J Assoc Physicians India. 2010 Sep;58:539-42. High prevalence of vitamin D deficiency in Asian-Indian patients with fragility hip fracture: a pilot study. Khadgawat R and others. PMID: 21391372. This study involved individuals with non-traumatic hip fracture who were older than 50 years of age. They were compared to age and sex matched controls who had bone mineral density (BMD) tests. There were 9 men and 34 women with a mean age of 62.2 years. Adequate sun exposure was reported in 34.8% of the cases. Important findings were: 1) Almost 77% of fractures occurred at home, and 51.5% of those were due to falls/slips in the bathroom. 2) Mean serum vitamin D was 9.9 ng/ml. 3) All patients but one had vitamin D deficiency. 4) There was no apparent effect on BMD from adequate sun exposure and/or calcium/vitamin D supplements. 5) BMD was significantly lower in fracture patients than controls.
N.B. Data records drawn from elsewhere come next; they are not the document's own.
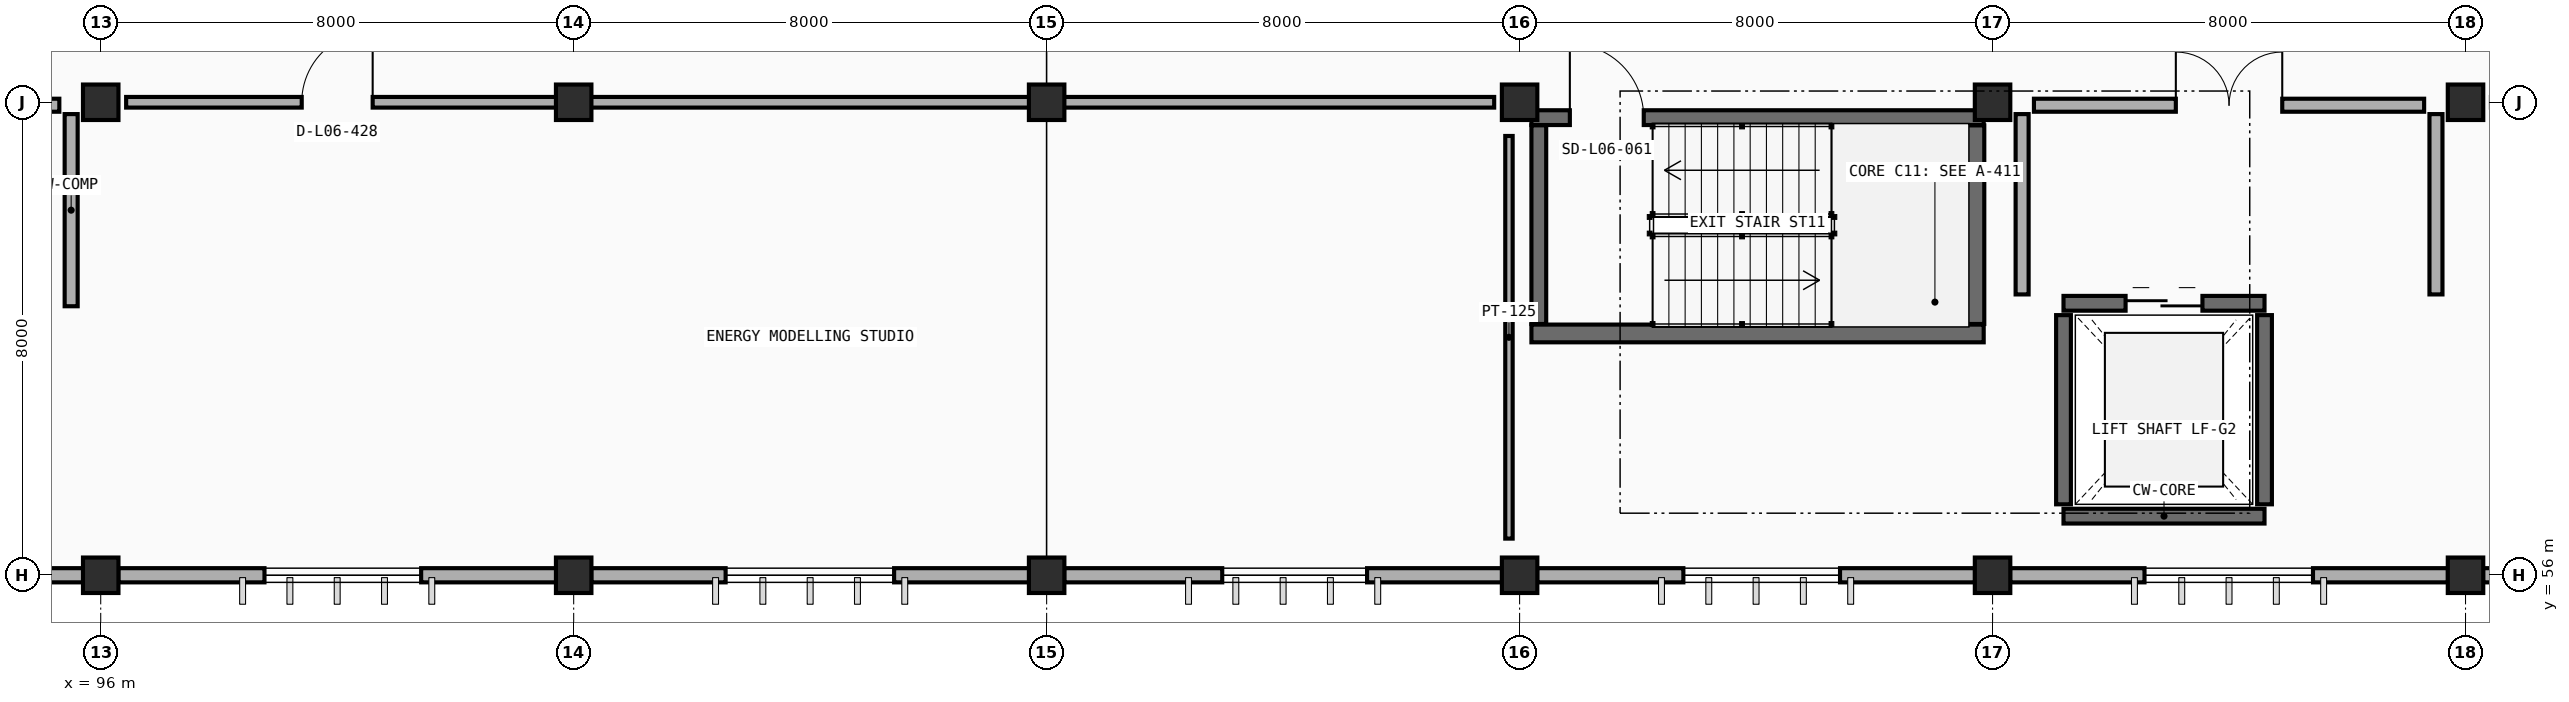
"""IFC4 building model, lengths in metres.
Left out: names, types, materials, properties, quantities, classifications, styles, units other than length and angle.
Written with IfcOpenShell. Run it as: python <this file> out.ifc"""

import sys

from ifc_helpers import new_model, si_unit, direction, frame, frame_2d, origin, origin_2d, place, context, subcontext, project, spatial, rectangle, extrude, element, fill, save


model = new_model("IFC4")
c1 = context("Model", 3, precision=1e-05, world=origin(), true_north=direction((0.0, 1.0)))
c2 = subcontext(c1, "Body", "Model", "MODEL_VIEW")
j1 = project(units=[si_unit("LENGTHUNIT", "METRE"), si_unit("PLANEANGLEUNIT", "RADIAN")], contexts=[c1])
p1 = place(None, origin())
s1 = spatial("IfcSite", under=j1, at=p1, CompositionType="ELEMENT")
p2 = place(p1, origin())
s2 = spatial("IfcBuilding", under=s1, at=p2, CompositionType="ELEMENT")
p3 = place(p2, frame((0.0, 0.0, 22.2)))
s3 = spatial("IfcBuildingStorey", under=s2, at=p3, CompositionType="ELEMENT", Elevation=22.2)
for number, where, z_axis, x_axis in (
    (1, (96.0, 56.0, 0.0), (0.0, 0.0, 1.0), (1.0, 0.0, 0.0)),
    (2, (104.0, 56.0, 0.0), (0.0, 0.0, 1.0), (1.0, 0.0, 0.0)),
    (3, (112.0, 56.0, 0.0), (0.0, 0.0, 1.0), (1.0, 0.0, 0.0)),
    (4, (120.0, 56.0, 0.0), (0.0, 0.0, 1.0), (1.0, 0.0, 0.0)),
    (5, (128.0, 56.0, 0.0), (0.0, 0.0, 1.0), (1.0, 0.0, 0.0)),
    (6, (136.0, 56.0, 0.0), (0.0, 0.0, 1.0), (1.0, 0.0, 0.0)),
    (7, (96.0, 64.0, 0.0), (0.0, 0.0, 1.0), (1.0, 0.0, 0.0)),
    (8, (104.0, 64.0, 0.0), (0.0, 0.0, 1.0), (1.0, 0.0, 0.0)),
    (9, (112.0, 64.0, 0.0), (0.0, 0.0, 1.0), (1.0, 0.0, 0.0)),
    (10, (120.0, 64.0, 0.0), (0.0, 0.0, 1.0), (1.0, 0.0, 0.0)),
    (11, (128.0, 64.0, 0.0), (0.0, 0.0, 1.0), (1.0, 0.0, 0.0)),
    (12, (136.0, 64.0, 0.0), (0.0, 0.0, 1.0), (1.0, 0.0, 0.0)),
):
    element("IfcColumn", number, at=place(p3, frame(where, z_axis=z_axis, x_axis=x_axis)), inside=s3, PredefinedType="COLUMN", context=c2, shape_type="SweptSolid", body=[
        extrude(rectangle(XDim=0.6, YDim=0.6, at=origin_2d()), origin(), (0.0, 0.0, 1.0), 4.2),
    ])
p4 = place(p3, frame((95.703, 56.0, 0.0), z_axis=(0.0, 0.0, 1.0), x_axis=(-1.0, 0.0, 0.0)))
e13 = element("IfcWall", 13, at=p4, inside=s3, PredefinedType="STANDARD", context=c2, shape_type="SweptSolid", body=[
    extrude(rectangle(XDim=7.406, YDim=0.24, at=frame_2d((3.703, 0.0))), origin(), (0.0, 0.0, 1.0), 3.335),
])
p5 = place(p4, frame((2.283, 0.0, 0.9)))
e14 = element("IfcOpeningElement", 14, at=p5, cuts=e13, PredefinedType="OPENING", context=c2, shape_type="SweptSolid", body=[
    extrude(rectangle(XDim=2.45, YDim=2.0, at=frame_2d((1.225, 1.0))), frame((0.0, 0.13, 0.0), z_axis=(0.0, -1.0, 0.0), x_axis=(1.0, 0.0, 0.0)), (0.0, 0.0, 1.0), 0.26),
])
p6 = place(p3, frame((103.703, 56.0, 0.0), z_axis=(0.0, 0.0, 1.0), x_axis=(-1.0, 0.0, 0.0)))
e15 = element("IfcWall", 15, at=p6, inside=s3, PredefinedType="STANDARD", context=c2, shape_type="SweptSolid", body=[
    extrude(rectangle(XDim=7.406, YDim=0.24, at=frame_2d((3.703, 0.0))), origin(), (0.0, 0.0, 1.0), 3.335),
])
p7 = place(p6, frame((2.283, 0.0, 0.9)))
e16 = element("IfcOpeningElement", 16, at=p7, cuts=e15, PredefinedType="OPENING", context=c2, shape_type="SweptSolid", body=[
    extrude(rectangle(XDim=2.65, YDim=2.0, at=frame_2d((1.325, 1.0))), frame((0.0, 0.13, 0.0), z_axis=(0.0, -1.0, 0.0), x_axis=(1.0, 0.0, 0.0)), (0.0, 0.0, 1.0), 0.26),
])
p8 = place(p3, frame((111.703, 56.0, 0.0), z_axis=(0.0, 0.0, 1.0), x_axis=(-1.0, 0.0, 0.0)))
e17 = element("IfcWall", 17, at=p8, inside=s3, PredefinedType="STANDARD", context=c2, shape_type="SweptSolid", body=[
    extrude(rectangle(XDim=7.406, YDim=0.24, at=frame_2d((3.703, 0.0))), origin(), (0.0, 0.0, 1.0), 3.335),
])
p9 = place(p8, frame((2.283, 0.0, 0.9)))
e18 = element("IfcOpeningElement", 18, at=p9, cuts=e17, PredefinedType="OPENING", context=c2, shape_type="SweptSolid", body=[
    extrude(rectangle(XDim=2.85, YDim=2.0, at=frame_2d((1.425, 1.0))), frame((0.0, 0.13, 0.0), z_axis=(0.0, -1.0, 0.0), x_axis=(1.0, 0.0, 0.0)), (0.0, 0.0, 1.0), 0.26),
])
p10 = place(p3, frame((119.703, 56.0, 0.0), z_axis=(0.0, 0.0, 1.0), x_axis=(-1.0, 0.0, 0.0)))
e19 = element("IfcWall", 19, at=p10, inside=s3, PredefinedType="STANDARD", context=c2, shape_type="SweptSolid", body=[
    extrude(rectangle(XDim=7.406, YDim=0.24, at=frame_2d((3.703, 0.0))), origin(), (0.0, 0.0, 1.0), 3.335),
])
p11 = place(p10, frame((2.283, 0.0, 0.9)))
e20 = element("IfcOpeningElement", 20, at=p11, cuts=e19, PredefinedType="OPENING", context=c2, shape_type="SweptSolid", body=[
    extrude(rectangle(XDim=2.45, YDim=2.0, at=frame_2d((1.225, 1.0))), frame((0.0, 0.13, 0.0), z_axis=(0.0, -1.0, 0.0), x_axis=(1.0, 0.0, 0.0)), (0.0, 0.0, 1.0), 0.26),
])
p12 = place(p3, frame((127.703, 56.0, 0.0), z_axis=(0.0, 0.0, 1.0), x_axis=(-1.0, 0.0, 0.0)))
e21 = element("IfcWall", 21, at=p12, inside=s3, PredefinedType="STANDARD", context=c2, shape_type="SweptSolid", body=[
    extrude(rectangle(XDim=7.406, YDim=0.24, at=frame_2d((3.703, 0.0))), origin(), (0.0, 0.0, 1.0), 3.335),
])
p13 = place(p12, frame((2.283, 0.0, 0.9)))
e22 = element("IfcOpeningElement", 22, at=p13, cuts=e21, PredefinedType="OPENING", context=c2, shape_type="SweptSolid", body=[
    extrude(rectangle(XDim=2.65, YDim=2.0, at=frame_2d((1.325, 1.0))), frame((0.0, 0.13, 0.0), z_axis=(0.0, -1.0, 0.0), x_axis=(1.0, 0.0, 0.0)), (0.0, 0.0, 1.0), 0.26),
])
p14 = place(p3, frame((135.703, 56.0, 0.0), z_axis=(0.0, 0.0, 1.0), x_axis=(-1.0, 0.0, 0.0)))
e23 = element("IfcWall", 23, at=p14, inside=s3, PredefinedType="STANDARD", context=c2, shape_type="SweptSolid", body=[
    extrude(rectangle(XDim=7.406, YDim=0.24, at=frame_2d((3.703, 0.0))), origin(), (0.0, 0.0, 1.0), 3.335),
])
p15 = place(p14, frame((2.283, 0.0, 0.9)))
e24 = element("IfcOpeningElement", 24, at=p15, cuts=e23, PredefinedType="OPENING", context=c2, shape_type="SweptSolid", body=[
    extrude(rectangle(XDim=2.85, YDim=2.0, at=frame_2d((1.425, 1.0))), frame((0.0, 0.13, 0.0), z_axis=(0.0, -1.0, 0.0), x_axis=(1.0, 0.0, 0.0)), (0.0, 0.0, 1.0), 0.26),
])
p16 = place(p3, frame((143.703, 56.0, 0.0), z_axis=(0.0, 0.0, 1.0), x_axis=(-1.0, 0.0, 0.0)))
e25 = element("IfcWall", 25, at=p16, inside=s3, PredefinedType="STANDARD", context=c2, shape_type="SweptSolid", body=[
    extrude(rectangle(XDim=7.406, YDim=0.24, at=frame_2d((3.703, 0.0))), origin(), (0.0, 0.0, 1.0), 3.335),
])
p17 = place(p16, frame((2.283, 0.0, 0.9)))
e26 = element("IfcOpeningElement", 26, at=p17, cuts=e25, PredefinedType="OPENING", context=c2, shape_type="SweptSolid", body=[
    extrude(rectangle(XDim=2.45, YDim=2.0, at=frame_2d((1.225, 1.0))), frame((0.0, 0.13, 0.0), z_axis=(0.0, -1.0, 0.0), x_axis=(1.0, 0.0, 0.0)), (0.0, 0.0, 1.0), 0.26),
])
p18 = place(p3, frame((120.2, 60.09, 0.0), z_axis=(0.0, 0.0, 1.0), x_axis=(1.0, 0.0, 0.0)))
e27 = element("IfcWall", 27, at=p18, inside=s3, PredefinedType="SHEAR", context=c2, shape_type="SweptSolid", body=[
    extrude(rectangle(XDim=7.65, YDim=0.3, at=frame_2d((3.825, 0.0))), origin(), (0.0, 0.0, 1.0), 4.2),
])
p19 = place(p3, frame((127.71, 60.25, 0.0), z_axis=(0.0, 0.0, 1.0), x_axis=(0.0, 1.0, 0.0)))
e28 = element("IfcWall", 28, at=p19, inside=s3, PredefinedType="SHEAR", context=c2, shape_type="SweptSolid", body=[
    extrude(rectangle(XDim=3.36, YDim=0.3, at=frame_2d((1.68, 0.0))), origin(), (0.0, 0.0, 1.0), 4.2),
])
p20 = place(p3, frame((120.2, 63.74, 0.0), z_axis=(0.0, 0.0, 1.0), x_axis=(1.0, 0.0, 0.0)))
e29 = element("IfcWall", 29, at=p20, inside=s3, PredefinedType="SOLIDWALL", context=c2, shape_type="SweptSolid", body=[
    extrude(rectangle(XDim=7.65, YDim=0.25, at=frame_2d((3.825, 0.0))), origin(), (0.0, 0.0, 1.0), 4.2),
])
p21 = place(p20, frame((0.65, 0.0, 0.0)))
e30 = element("IfcOpeningElement", 30, at=p21, cuts=e29, PredefinedType="OPENING", context=c2, shape_type="SweptSolid", body=[
    extrude(rectangle(XDim=1.25, YDim=2.15, at=frame_2d((0.625, 1.075))), frame((0.0, 0.135, 0.0), z_axis=(0.0, -1.0, 0.0), x_axis=(1.0, 0.0, 0.0)), (0.0, 0.0, 1.0), 0.27),
])
p22 = place(p3, frame((120.325, 60.25, 0.0), z_axis=(0.0, 0.0, 1.0), x_axis=(0.0, 1.0, 0.0)))
e31 = element("IfcWall", 31, at=p22, inside=s3, PredefinedType="SOLIDWALL", context=c2, shape_type="SweptSolid", body=[
    extrude(rectangle(XDim=3.36, YDim=0.25, at=frame_2d((1.68, 0.0))), origin(), (0.0, 0.0, 1.0), 4.2),
])
p23 = place(p3, frame((88.7, 63.95, 0.0), z_axis=(0.0, 0.0, 1.0), x_axis=(1.0, 0.0, 0.0)))
e32 = element("IfcWall", 32, at=p23, inside=s3, PredefinedType="PARTITIONING", context=c2, shape_type="SweptSolid", body=[
    extrude(rectangle(XDim=6.6, YDim=0.22, at=frame_2d((3.3, 0.0))), origin(), (0.0, 0.0, 1.0), 3.3),
])
p24 = place(p23, frame((2.4, 0.0, 0.0)))
e33 = element("IfcOpeningElement", 33, at=p24, cuts=e32, PredefinedType="OPENING", context=c2, shape_type="SweptSolid", body=[
    extrude(rectangle(XDim=1.8, YDim=2.2, at=frame_2d((0.9, 1.1))), frame((0.0, 0.12, 0.0), z_axis=(0.0, -1.0, 0.0), x_axis=(1.0, 0.0, 0.0)), (0.0, 0.0, 1.0), 0.24),
])
p25 = place(p3, frame((95.5, 60.55, 0.0), z_axis=(0.0, 0.0, 1.0), x_axis=(0.0, 1.0, 0.0)))
e34 = element("IfcWall", 34, at=p25, inside=s3, PredefinedType="PARTITIONING", context=c2, shape_type="SweptSolid", body=[
    extrude(rectangle(XDim=3.25, YDim=0.22, at=frame_2d((1.625, 0.0))), origin(), (0.0, 0.0, 1.0), 3.3),
])
p26 = place(p3, frame((129.2, 57.0, 0.0), z_axis=(0.0, 0.0, 1.0), x_axis=(1.0, 0.0, 0.0)))
e35 = element("IfcWall", 35, at=p26, inside=s3, PredefinedType="SOLIDWALL", context=c2, shape_type="SweptSolid", body=[
    extrude(rectangle(XDim=3.4, YDim=0.25, at=frame_2d((1.7, 0.0))), origin(), (0.0, 0.0, 1.0), 4.2),
])
p27 = place(p3, frame((129.2, 60.6, 0.0), z_axis=(0.0, 0.0, 1.0), x_axis=(1.0, 0.0, 0.0)))
e36 = element("IfcWall", 36, at=p27, inside=s3, PredefinedType="SOLIDWALL", context=c2, shape_type="SweptSolid", body=[
    extrude(rectangle(XDim=3.4, YDim=0.25, at=frame_2d((1.7, 0.0))), origin(), (0.0, 0.0, 1.0), 4.2),
])
p28 = place(p27, frame((1.05, 0.0, 0.0)))
e37 = element("IfcOpeningElement", 37, at=p28, cuts=e36, PredefinedType="OPENING", context=c2, shape_type="SweptSolid", body=[
    extrude(rectangle(XDim=1.3, YDim=2.2, at=frame_2d((0.65, 1.1))), frame((0.0, 0.135, 0.0), z_axis=(0.0, -1.0, 0.0), x_axis=(1.0, 0.0, 0.0)), (0.0, 0.0, 1.0), 0.27),
])
for number, where, z_axis, x_axis in (
    (38, (129.2, 57.2, 0.0), (0.0, 0.0, 1.0), (0.0, 1.0, 0.0)),
    (39, (132.6, 57.2, 0.0), (0.0, 0.0, 1.0), (0.0, 1.0, 0.0)),
):
    element("IfcWall", number, at=place(p3, frame(where, z_axis=z_axis, x_axis=x_axis)), inside=s3, PredefinedType="SOLIDWALL", context=c2, shape_type="SweptSolid", body=[
        extrude(rectangle(XDim=3.2, YDim=0.25, at=frame_2d((1.6, 0.0))), origin(), (0.0, 0.0, 1.0), 4.2),
    ])
p29 = place(p3, frame((128.7, 63.95, 0.0), z_axis=(0.0, 0.0, 1.0), x_axis=(1.0, 0.0, 0.0)))
e40 = element("IfcWall", 40, at=p29, inside=s3, PredefinedType="PARTITIONING", context=c2, shape_type="SweptSolid", body=[
    extrude(rectangle(XDim=6.6, YDim=0.22, at=frame_2d((3.3, 0.0))), origin(), (0.0, 0.0, 1.0), 3.3),
])
p30 = place(p29, frame((2.4, 0.0, 0.0)))
e41 = element("IfcOpeningElement", 41, at=p30, cuts=e40, PredefinedType="OPENING", context=c2, shape_type="SweptSolid", body=[
    extrude(rectangle(XDim=1.8, YDim=2.2, at=frame_2d((0.9, 1.1))), frame((0.0, 0.12, 0.0), z_axis=(0.0, -1.0, 0.0), x_axis=(1.0, 0.0, 0.0)), (0.0, 0.0, 1.0), 0.24),
])
for number, where, z_axis, x_axis in (
    (42, (128.5, 60.75, 0.0), (0.0, 0.0, 1.0), (0.0, 1.0, 0.0)),
    (43, (135.5, 60.75, 0.0), (0.0, 0.0, 1.0), (0.0, 1.0, 0.0)),
):
    element("IfcWall", number, at=place(p3, frame(where, z_axis=z_axis, x_axis=x_axis)), inside=s3, PredefinedType="PARTITIONING", context=c2, shape_type="SweptSolid", body=[
        extrude(rectangle(XDim=3.05, YDim=0.22, at=frame_2d((1.525, 0.0))), origin(), (0.0, 0.0, 1.0), 3.3),
    ])
p31 = place(p3, frame((96.43, 64.0, 0.0), z_axis=(0.0, 0.0, 1.0), x_axis=(1.0, 0.0, 0.0)))
e44 = element("IfcWall", 44, at=p31, inside=s3, PredefinedType="PARTITIONING", context=c2, shape_type="SweptSolid", body=[
    extrude(rectangle(XDim=23.14, YDim=0.18, at=frame_2d((11.57, 0.0))), origin(), (0.0, 0.0, 1.0), 3.3),
])
p32 = place(p31, frame((2.97, 0.0, 0.0)))
e45 = element("IfcOpeningElement", 45, at=p32, cuts=e44, PredefinedType="OPENING", context=c2, shape_type="SweptSolid", body=[
    extrude(rectangle(XDim=1.2, YDim=2.15, at=frame_2d((0.6, 1.075))), frame((0.0, 0.1, 0.0), z_axis=(0.0, -1.0, 0.0), x_axis=(1.0, 0.0, 0.0)), (0.0, 0.0, 1.0), 0.2),
])
p33 = place(p3, frame((119.82, 56.62, 0.0), z_axis=(0.0, 0.0, 1.0), x_axis=(0.0, 1.0, 0.0)))
e46 = element("IfcWall", 46, at=p33, inside=s3, PredefinedType="PARTITIONING", context=c2, shape_type="SweptSolid", body=[
    extrude(rectangle(XDim=6.81, YDim=0.125, at=frame_2d((3.405, 0.0))), origin(), (0.0, 0.0, 1.0), 3.3),
])
p34 = place(p7, origin())
e47 = element("IfcWindow", 47, at=p34, inside=s3, PartitioningType="DOUBLE_PANEL_VERTICAL", PredefinedType="WINDOW", context=c2, shape_type="SweptSolid", body=[
    extrude(rectangle(XDim=2.65, YDim=2.0, at=frame_2d((1.325, 1.0))), frame((0.0, 0.03, 0.0), z_axis=(0.0, -1.0, 0.0), x_axis=(1.0, 0.0, 0.0)), (0.0, 0.0, 1.0), 0.06),
])
fill(e16, e47)
p35 = place(p9, origin())
e48 = element("IfcWindow", 48, at=p35, inside=s3, PartitioningType="DOUBLE_PANEL_VERTICAL", PredefinedType="WINDOW", context=c2, shape_type="SweptSolid", body=[
    extrude(rectangle(XDim=2.85, YDim=2.0, at=frame_2d((1.425, 1.0))), frame((0.0, 0.03, 0.0), z_axis=(0.0, -1.0, 0.0), x_axis=(1.0, 0.0, 0.0)), (0.0, 0.0, 1.0), 0.06),
])
fill(e18, e48)
p36 = place(p11, origin())
e49 = element("IfcWindow", 49, at=p36, inside=s3, PartitioningType="DOUBLE_PANEL_VERTICAL", PredefinedType="WINDOW", context=c2, shape_type="SweptSolid", body=[
    extrude(rectangle(XDim=2.45, YDim=2.0, at=frame_2d((1.225, 1.0))), frame((0.0, 0.03, 0.0), z_axis=(0.0, -1.0, 0.0), x_axis=(1.0, 0.0, 0.0)), (0.0, 0.0, 1.0), 0.06),
])
fill(e20, e49)
p37 = place(p13, origin())
e50 = element("IfcWindow", 50, at=p37, inside=s3, PartitioningType="DOUBLE_PANEL_VERTICAL", PredefinedType="WINDOW", context=c2, shape_type="SweptSolid", body=[
    extrude(rectangle(XDim=2.65, YDim=2.0, at=frame_2d((1.325, 1.0))), frame((0.0, 0.03, 0.0), z_axis=(0.0, -1.0, 0.0), x_axis=(1.0, 0.0, 0.0)), (0.0, 0.0, 1.0), 0.06),
])
fill(e22, e50)
p38 = place(p15, origin())
e51 = element("IfcWindow", 51, at=p38, inside=s3, PartitioningType="DOUBLE_PANEL_VERTICAL", PredefinedType="WINDOW", context=c2, shape_type="SweptSolid", body=[
    extrude(rectangle(XDim=2.85, YDim=2.0, at=frame_2d((1.425, 1.0))), frame((0.0, 0.03, 0.0), z_axis=(0.0, -1.0, 0.0), x_axis=(1.0, 0.0, 0.0)), (0.0, 0.0, 1.0), 0.06),
])
fill(e24, e51)
p39 = place(p21, origin())
e52 = element("IfcDoor", 52, at=p39, inside=s3, OperationType="SINGLE_SWING_LEFT", PredefinedType="DOOR", context=c2, shape_type="SweptSolid", body=[
    extrude(rectangle(XDim=1.25, YDim=2.15, at=frame_2d((0.625, 1.075))), frame((0.0, 0.025, 0.0), z_axis=(0.0, -1.0, 0.0), x_axis=(1.0, 0.0, 0.0)), (0.0, 0.0, 1.0), 0.05),
])
fill(e30, e52)
p40 = place(p28, origin())
e53 = element("IfcDoor", 53, at=p40, inside=s3, OperationType="DOUBLE_DOOR_SLIDING", PredefinedType="DOOR", context=c2, shape_type="SweptSolid", body=[
    extrude(rectangle(XDim=1.3, YDim=2.2, at=frame_2d((0.65, 1.1))), frame((0.0, 0.025, 0.0), z_axis=(0.0, -1.0, 0.0), x_axis=(1.0, 0.0, 0.0)), (0.0, 0.0, 1.0), 0.05),
])
fill(e37, e53)
p41 = place(p30, origin())
e54 = element("IfcDoor", 54, at=p41, inside=s3, OperationType="DOUBLE_DOOR_SINGLE_SWING", PredefinedType="DOOR", context=c2, shape_type="SweptSolid", body=[
    extrude(rectangle(XDim=1.8, YDim=2.2, at=frame_2d((0.9, 1.1))), frame((0.0, 0.025, 0.0), z_axis=(0.0, -1.0, 0.0), x_axis=(1.0, 0.0, 0.0)), (0.0, 0.0, 1.0), 0.05),
])
fill(e41, e54)
p42 = place(p32, origin())
e55 = element("IfcDoor", 55, at=p42, inside=s3, OperationType="SINGLE_SWING_RIGHT", PredefinedType="DOOR", context=c2, shape_type="SweptSolid", body=[
    extrude(rectangle(XDim=1.2, YDim=2.15, at=frame_2d((0.6, 1.075))), frame((0.0, 0.025, 0.0), z_axis=(0.0, -1.0, 0.0), x_axis=(1.0, 0.0, 0.0)), (0.0, 0.0, 1.0), 0.05),
])
fill(e45, e55)
save(model, sys.argv[1])

Twenty-six patients/families were contacted a year after the fractures with the following results: 1) Eleven (42.3%) died within one year of surgery. 2) Eight died within the first six months of surgery. 3) Two died within 72 hours of hospital discharge. 4) Of the 15 patients alive after one year, only two could walk without any support.

The authors concluded, “Our study shows very high prevalence (96.7%) of vitamin D deficiency in Asian-Indian patients with fragility hip fracture. The BMD of these patients is significantly low in comparison to age and sex matched healthy controls. More fractures occurred at home than outside, with a majority of fall (sic) being in the bathroom.”

Editor's comments. This is a very interesting study with a group of findings that are explained in more detail than usually happens. One extremely important finding is that 51.5% of falls/slips occurred in the bathroom. This means the bathroom is a dangerous place for older individuals. They should take every precaution to make it safer: include handles on the walls, cover slippery surfaces with mats that are sticky, assure that small rugs and carpets are slip-proof, etc.

Of additional importance is that serum vitamin D levels are important, and often not adequately maintained by older individuals. This is easily remedied by either adequate time spent in the sun with enough surface area of the skin exposed and during the middle of the day when UVB radiation is at maximum levels. But older individuals often only produce 25% or so of vitamin D compared to younger persons. So they will need to spend more time in the sun. In addition to sun exposure, or in lieu of it, adequate vitamin D3 supplements can be taken. There is a wide range of recommendations on the correct amount. But from my readings 400-600 IU is woefully inadequate, even though that number if often mentioned and is the what is in many multivitamins. Certainly 1,000 IU/day would be needed, and up to 5,000 IU/day have shown to cause no harm. Note that in the vitamin D3 study by Heaney and others linked above, individuals were given 50,000 IU/week. This high of dosage gave a mean serum vitamin D level of 45 ng/ml, which is considered sufficient, but not overly high.